Last week, California was complaining about no rain. Now, California is complaining about rain.

What goes around, comes around.

The Other Whitey

Yeah, here in San Diego we went from cold in December, to Indian summer for the next 2 1/2 months, to “two cows pissing on a flat rock” rain this weekend. We’re still having a year without a winter temperature-wise, as it’s only in the 50s, with none of the usual snow in our local mountains (yes, it does snow here, just not at the beach).

People are saying how lucky we are to have such warm weather when the rest of the country is frozen solid. My reply is that even with this bigass storm, we’re still behind on rain, and thus next fire season is really going to suck.

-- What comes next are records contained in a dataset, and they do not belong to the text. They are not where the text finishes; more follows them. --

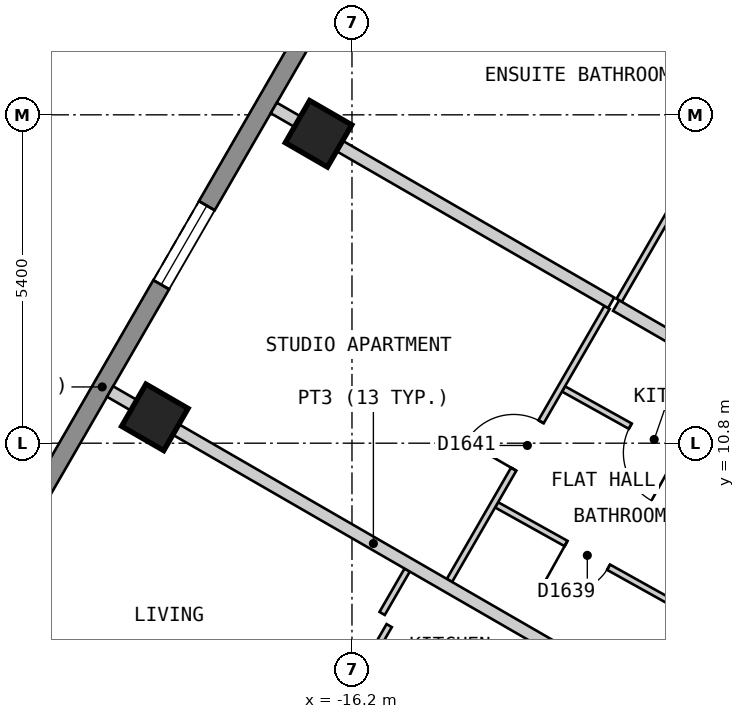
"""IFC4 building model, lengths in metres.
Left out: names, types, materials, properties, quantities, classifications, styles, units other than length and angle.
Written with IfcOpenShell. Run it as: python <this file> out.ifc"""

import sys

from ifc_helpers import new_model, si_unit, direction, frame, frame_2d, origin, origin_2d, place, context, subcontext, project, spatial, polyline, rectangle, outline, extrude, element, fill, save


model = new_model("IFC4")
c1 = context("Model", 3, precision=1e-05, world=origin(), true_north=direction((0.0, 1.0)))
c2 = subcontext(c1, "Body", "Model", "MODEL_VIEW")
j1 = project(units=[si_unit("LENGTHUNIT", "METRE"), si_unit("PLANEANGLEUNIT", "RADIAN")], contexts=[c1])
p1 = place(None, origin())
s1 = spatial("IfcSite", under=j1, at=p1, CompositionType="ELEMENT")
p2 = place(p1, origin())
s2 = spatial("IfcBuilding", under=s1, at=p2, CompositionType="ELEMENT")
p3 = place(p2, frame((0.0, 0.0, 163.2)))
s3 = spatial("IfcBuildingStorey", under=s2, at=p3, CompositionType="ELEMENT", Elevation=163.2)
for number, where, z_axis, x_axis in (
    (1, (-16.75, 15.888, 0.0), (0.0, 0.0, 1.0), (-0.5, -0.866, 0.0)),
    (2, (-19.442, 11.225, 0.0), (0.0, 0.0, 1.0), (-0.5, -0.866, 0.0)),
):
    element("IfcColumn", number, at=place(p3, frame(where, z_axis=z_axis, x_axis=x_axis)), inside=s3, PredefinedType="COLUMN", context=c2, shape_type="SweptSolid", body=[
        extrude(rectangle(XDim=0.8, YDim=0.8, at=origin_2d()), origin(), (0.0, 0.0, 1.0), 3.0),
    ])
p4 = place(p3, frame((-14.592, 21.625, 0.0), z_axis=(0.0, 0.0, 1.0), x_axis=(-0.500010537973, -0.866019319597, 0.0)))
e3 = element("IfcWall", 3, at=p4, inside=s3, PredefinedType="SOLIDWALL", context=c2, shape_type="SweptSolid", body=[
    extrude(outline(polyline([(0.0, -0.15), (22.863, -0.15), (22.783, 0.15), (0.08, 0.15), (0.0, -0.15)])), origin(), (0.0, 0.0, 1.0), 2.7),
])
p5 = place(p4, frame((2.606, 0.0, 0.15)))
e4 = element("IfcOpeningElement", 4, at=p5, cuts=e3, PredefinedType="OPENING", context=c2, shape_type="SweptSolid", body=[
    extrude(rectangle(XDim=1.5, YDim=2.1, at=frame_2d((0.75, 1.05))), frame((0.0, 0.16, 0.0), z_axis=(0.0, -1.0, 0.0), x_axis=(1.0, 0.0, 0.0)), (0.0, 0.0, 1.0), 0.32),
])
p6 = place(p4, frame((7.99, 0.0, 0.15)))
e5 = element("IfcOpeningElement", 5, at=p6, cuts=e3, PredefinedType="OPENING", context=c2, shape_type="SweptSolid", body=[
    extrude(rectangle(XDim=1.5, YDim=2.1, at=frame_2d((0.75, 1.05))), frame((0.0, 0.16, 0.0), z_axis=(0.0, -1.0, 0.0), x_axis=(1.0, 0.0, 0.0)), (0.0, 0.0, 1.0), 0.32),
])
p7 = place(p4, frame((13.373, 0.0, 0.15)))
e6 = element("IfcOpeningElement", 6, at=p7, cuts=e3, PredefinedType="OPENING", context=c2, shape_type="SweptSolid", body=[
    extrude(rectangle(XDim=1.5, YDim=2.1, at=frame_2d((0.75, 1.05))), frame((0.0, 0.16, 0.0), z_axis=(0.0, -1.0, 0.0), x_axis=(1.0, 0.0, 0.0)), (0.0, 0.0, 1.0), 0.32),
])
p8 = place(p4, frame((18.758, 0.0, 0.15)))
e7 = element("IfcOpeningElement", 7, at=p8, cuts=e3, PredefinedType="OPENING", context=c2, shape_type="SweptSolid", body=[
    extrude(rectangle(XDim=1.5, YDim=2.1, at=frame_2d((0.75, 1.05))), frame((0.0, 0.16, 0.0), z_axis=(0.0, -1.0, 0.0), x_axis=(1.0, 0.0, 0.0)), (0.0, 0.0, 1.0), 0.32),
])
p9 = place(p3, frame((-15.53, -0.501, 0.0), z_axis=(0.0, 0.0, 1.0), x_axis=(0.499952498232, 0.866052827206, 0.0)))
e8 = element("IfcWall", 8, at=p9, inside=s3, PredefinedType="PARTITIONING", context=c2, shape_type="SweptSolid", body=[
    extrude(rectangle(XDim=9.585, YDim=0.2, at=frame_2d((4.792, 0.0))), origin(), (0.0, 0.0, 1.0), 2.7),
])
p10 = place(p9, frame((5.031, 0.0, 0.0)))
e9 = element("IfcOpeningElement", 9, at=p10, cuts=e8, PredefinedType="OPENING", context=c2, shape_type="SweptSolid", body=[
    extrude(rectangle(XDim=1.0, YDim=2.1, at=frame_2d((0.5, 1.05))), frame((0.0, 0.11, 0.0), z_axis=(0.0, -1.0, 0.0), x_axis=(1.0, 0.0, 0.0)), (0.0, 0.0, 1.0), 0.22),
])
p11 = place(p3, frame((-12.721, 11.692, 0.0), z_axis=(0.0, 0.0, 1.0), x_axis=(0.873557394398, -0.486721150859, 0.0)))
e10 = element("IfcWall", 10, at=p11, inside=s3, PredefinedType="PARTITIONING", context=c2, shape_type="SweptSolid", body=[
    extrude(rectangle(XDim=3.363, YDim=0.1, at=frame_2d((1.682, 0.0))), origin(), (0.0, 0.0, 1.0), 2.7),
])
p12 = place(p11, frame((1.257, 0.0, 0.0)))
e11 = element("IfcOpeningElement", 11, at=p12, cuts=e10, PredefinedType="OPENING", context=c2, shape_type="SweptSolid", body=[
    extrude(rectangle(XDim=0.9, YDim=2.1, at=frame_2d((0.45, 1.05))), frame((0.0, 0.06, 0.0), z_axis=(0.0, -1.0, 0.0), x_axis=(1.0, 0.0, 0.0)), (0.0, 0.0, 1.0), 0.12),
])
p13 = place(p3, frame((-13.821, 9.786, 0.0), z_axis=(0.0, 0.0, 1.0), x_axis=(0.873644620966, -0.486564565353, 0.0)))
e12 = element("IfcWall", 12, at=p13, inside=s3, PredefinedType="PARTITIONING", context=c2, shape_type="SweptSolid", body=[
    extrude(rectangle(XDim=3.463, YDim=0.1, at=frame_2d((1.731, 0.0))), origin(), (0.0, 0.0, 1.0), 2.7),
])
p14 = place(p13, frame((1.307, 0.0, 0.0)))
e13 = element("IfcOpeningElement", 13, at=p14, cuts=e12, PredefinedType="OPENING", context=c2, shape_type="SweptSolid", body=[
    extrude(rectangle(XDim=0.8, YDim=2.1, at=frame_2d((0.4, 1.05))), frame((0.0, 0.06, 0.0), z_axis=(0.0, -1.0, 0.0), x_axis=(1.0, 0.0, 0.0)), (0.0, 0.0, 1.0), 0.12),
])
p15 = place(p3, frame((-11.806, 13.149, 0.0), z_axis=(0.0, 0.0, 1.0), x_axis=(0.499932199895, 0.866064544655, 0.0)))
e14 = element("IfcWall", 14, at=p15, inside=s3, PredefinedType="PARTITIONING", context=c2, shape_type="SweptSolid", body=[
    extrude(rectangle(XDim=8.833, YDim=0.1, at=frame_2d((4.417, 0.0))), origin(), (0.0, 0.0, 1.0), 2.7),
])
p16 = place(p15, frame((6.413, 0.0, 0.0)))
e15 = element("IfcOpeningElement", 15, at=p16, cuts=e14, PredefinedType="OPENING", context=c2, shape_type="SweptSolid", body=[
    extrude(rectangle(XDim=0.9, YDim=2.1, at=frame_2d((0.45, 1.05))), frame((0.0, 0.06, 0.0), z_axis=(0.0, -1.0, 0.0), x_axis=(1.0, 0.0, 0.0)), (0.0, 0.0, 1.0), 0.12),
])
p17 = place(p15, frame((2.004, 0.0, 0.0)))
e16 = element("IfcOpeningElement", 16, at=p17, cuts=e14, PredefinedType="OPENING", context=c2, shape_type="SweptSolid", body=[
    extrude(rectangle(XDim=0.8, YDim=2.1, at=frame_2d((0.4, 1.05))), frame((0.0, 0.06, 0.0), z_axis=(0.0, -1.0, 0.0), x_axis=(1.0, 0.0, 0.0)), (0.0, 0.0, 1.0), 0.12),
])
p18 = place(p3, frame((-14.597, 8.543, 0.0), z_axis=(0.0, 0.0, 1.0), x_axis=(0.499962957901, 0.866046788994, 0.0)))
e17 = element("IfcWall", 17, at=p18, inside=s3, PredefinedType="PARTITIONING", context=c2, shape_type="SweptSolid", body=[
    extrude(rectangle(XDim=5.185, YDim=0.1, at=frame_2d((2.592, 0.0))), origin(), (0.0, 0.0, 1.0), 2.7),
])
p19 = place(p18, frame((2.113, 0.0, 0.0)))
e18 = element("IfcOpeningElement", 18, at=p19, cuts=e17, PredefinedType="OPENING", context=c2, shape_type="SweptSolid", body=[
    extrude(rectangle(XDim=0.9, YDim=2.1, at=frame_2d((0.45, 1.05))), frame((0.0, 0.06, 0.0), z_axis=(0.0, -1.0, 0.0), x_axis=(1.0, 0.0, 0.0)), (0.0, 0.0, 1.0), 0.12),
])
p20 = place(p3, frame((-15.704, 8.0, 0.0), z_axis=(0.0, 0.0, 1.0), x_axis=(0.499833531678, 0.866121492985, 0.0)))
e19 = element("IfcWall", 19, at=p20, inside=s3, PredefinedType="PARTITIONING", context=c2, shape_type="SweptSolid", body=[
    extrude(rectangle(XDim=0.824, YDim=0.1, at=frame_2d((0.412, 0.0))), origin(), (0.0, 0.0, 1.0), 2.7),
])
p21 = place(p3, frame((-20.178, 11.65, 0.0), z_axis=(0.0, 0.0, 1.0), x_axis=(0.866016855193, -0.500014806302, 0.0)))
e20 = element("IfcWall", 20, at=p21, inside=s3, PredefinedType="PARTITIONING", context=c2, shape_type="SweptSolid", body=[
    extrude(rectangle(XDim=10.0, YDim=0.2, at=frame_2d((5.0, 0.0))), origin(), (0.0, 0.0, 1.0), 2.7),
])
p22 = place(p3, frame((-17.486, 16.313, 0.0), z_axis=(0.0, 0.0, 1.0), x_axis=(0.866002210665, -0.500040169509, 0.0)))
e21 = element("IfcWall", 21, at=p22, inside=s3, PredefinedType="PARTITIONING", context=c2, shape_type="SweptSolid", body=[
    extrude(rectangle(XDim=6.408, YDim=0.2, at=frame_2d((3.204, 0.0))), origin(), (0.0, 0.0, 1.0), 2.7),
])
p23 = place(p3, frame((-11.856, 13.063, 0.0), z_axis=(0.0, 0.0, 1.0), x_axis=(0.865966208357, -0.500102515474, 0.0)))
e22 = element("IfcWall", 22, at=p23, inside=s3, PredefinedType="PARTITIONING", context=c2, shape_type="SweptSolid", body=[
    extrude(rectangle(XDim=3.299, YDim=0.2, at=frame_2d((1.649, 0.0))), origin(), (0.0, 0.0, 1.0), 2.7),
])
p24 = place(p3, frame((-17.761, 4.037, 0.0), z_axis=(0.0, 0.0, 1.0), x_axis=(0.50009692756, 0.865969435399, 0.0)))
e23 = element("IfcWall", 23, at=p24, inside=s3, PredefinedType="PARTITIONING", context=c2, shape_type="SweptSolid", body=[
    extrude(rectangle(XDim=4.345, YDim=0.1, at=frame_2d((2.173, 0.0))), origin(), (0.0, 0.0, 1.0), 2.7),
])
p25 = place(p24, frame((2.22, 0.0, 0.0)))
e24 = element("IfcOpeningElement", 24, at=p25, cuts=e23, PredefinedType="OPENING", context=c2, shape_type="SweptSolid", body=[
    extrude(rectangle(XDim=0.9, YDim=2.1, at=frame_2d((0.45, 1.05))), frame((0.0, 0.06, 0.0), z_axis=(0.0, -1.0, 0.0), x_axis=(1.0, 0.0, 0.0)), (0.0, 0.0, 1.0), 0.12),
])
p26 = place(p6, origin())
e25 = element("IfcWindow", 25, at=p26, inside=s3, PartitioningType="SINGLE_PANEL", PredefinedType="WINDOW", context=c2, shape_type="SweptSolid", body=[
    extrude(rectangle(XDim=1.5, YDim=2.1, at=frame_2d((0.75, 1.05))), frame((0.0, 0.03, 0.0), z_axis=(0.0, -1.0, 0.0), x_axis=(1.0, 0.0, 0.0)), (0.0, 0.0, 1.0), 0.06),
])
fill(e5, e25)
p27 = place(p14, origin())
e26 = element("IfcDoor", 26, at=p27, inside=s3, OperationType="SINGLE_SWING_LEFT", PredefinedType="DOOR", context=c2, shape_type="SweptSolid", body=[
    extrude(rectangle(XDim=0.8, YDim=2.1, at=frame_2d((0.4, 1.05))), frame((0.0, 0.025, 0.0), z_axis=(0.0, -1.0, 0.0), x_axis=(1.0, 0.0, 0.0)), (0.0, 0.0, 1.0), 0.05),
])
fill(e13, e26)
p28 = place(p12, origin())
e27 = element("IfcDoor", 27, at=p28, inside=s3, OperationType="SINGLE_SWING_RIGHT", PredefinedType="DOOR", context=c2, shape_type="SweptSolid", body=[
    extrude(rectangle(XDim=0.9, YDim=2.1, at=frame_2d((0.45, 1.05))), frame((0.0, 0.025, 0.0), z_axis=(0.0, -1.0, 0.0), x_axis=(1.0, 0.0, 0.0)), (0.0, 0.0, 1.0), 0.05),
])
fill(e11, e27)
p29 = place(p19, origin())
e28 = element("IfcDoor", 28, at=p29, inside=s3, OperationType="SINGLE_SWING_LEFT", PredefinedType="DOOR", context=c2, shape_type="SweptSolid", body=[
    extrude(rectangle(XDim=0.9, YDim=2.1, at=frame_2d((0.45, 1.05))), frame((0.0, 0.025, 0.0), z_axis=(0.0, -1.0, 0.0), x_axis=(1.0, 0.0, 0.0)), (0.0, 0.0, 1.0), 0.05),
])
fill(e18, e28)
save(model, sys.argv[1])

But this has happened before, and it will happen again (now where have I heard that before?). Our last few winters were pretty damn cold (by SoCal standards), so it stands to reason that we were due.

Jabatam

Richard, it is my experience that this venue is not the one to step up on soapboxes like you did. I typically don’t even bother interjecting myself into threads like this because I know I’m not going to change anyone’s mind. I stick to the things that I do have in common with the majority of the people who come here…veterans issues, outing posers, and gun rights

The Other Whitey

Every time I hear “climate change,” I think of what my Grandpa would say right now: “Well no shit it’s changing! It’s the WEATHER, for Christ’s sake! That’s what it DOES!”

Some years are wet, some years are dry, some are hot, some are cold. It’s always been that way, and the averages were fluctuating for eons before the first internal combustion engine fired up. So how exactly are things any different now? Oh, that’s right, they’re not.

But the truth doesn’t line Al Gore’s pockets or sell carbon credits, so it must be denied at every turn.

Sparks

They (those scared, fraidy hole, liberals who believe everything any asshole “scientist” supported by government grants tells them) were sold a bill of goods that helped support many of their agendas, such as, green power, save the whales harpoon Oprah and Rosie O’Donnell, recycle everything including your turds, cow farts are killing the planet, etc. etc.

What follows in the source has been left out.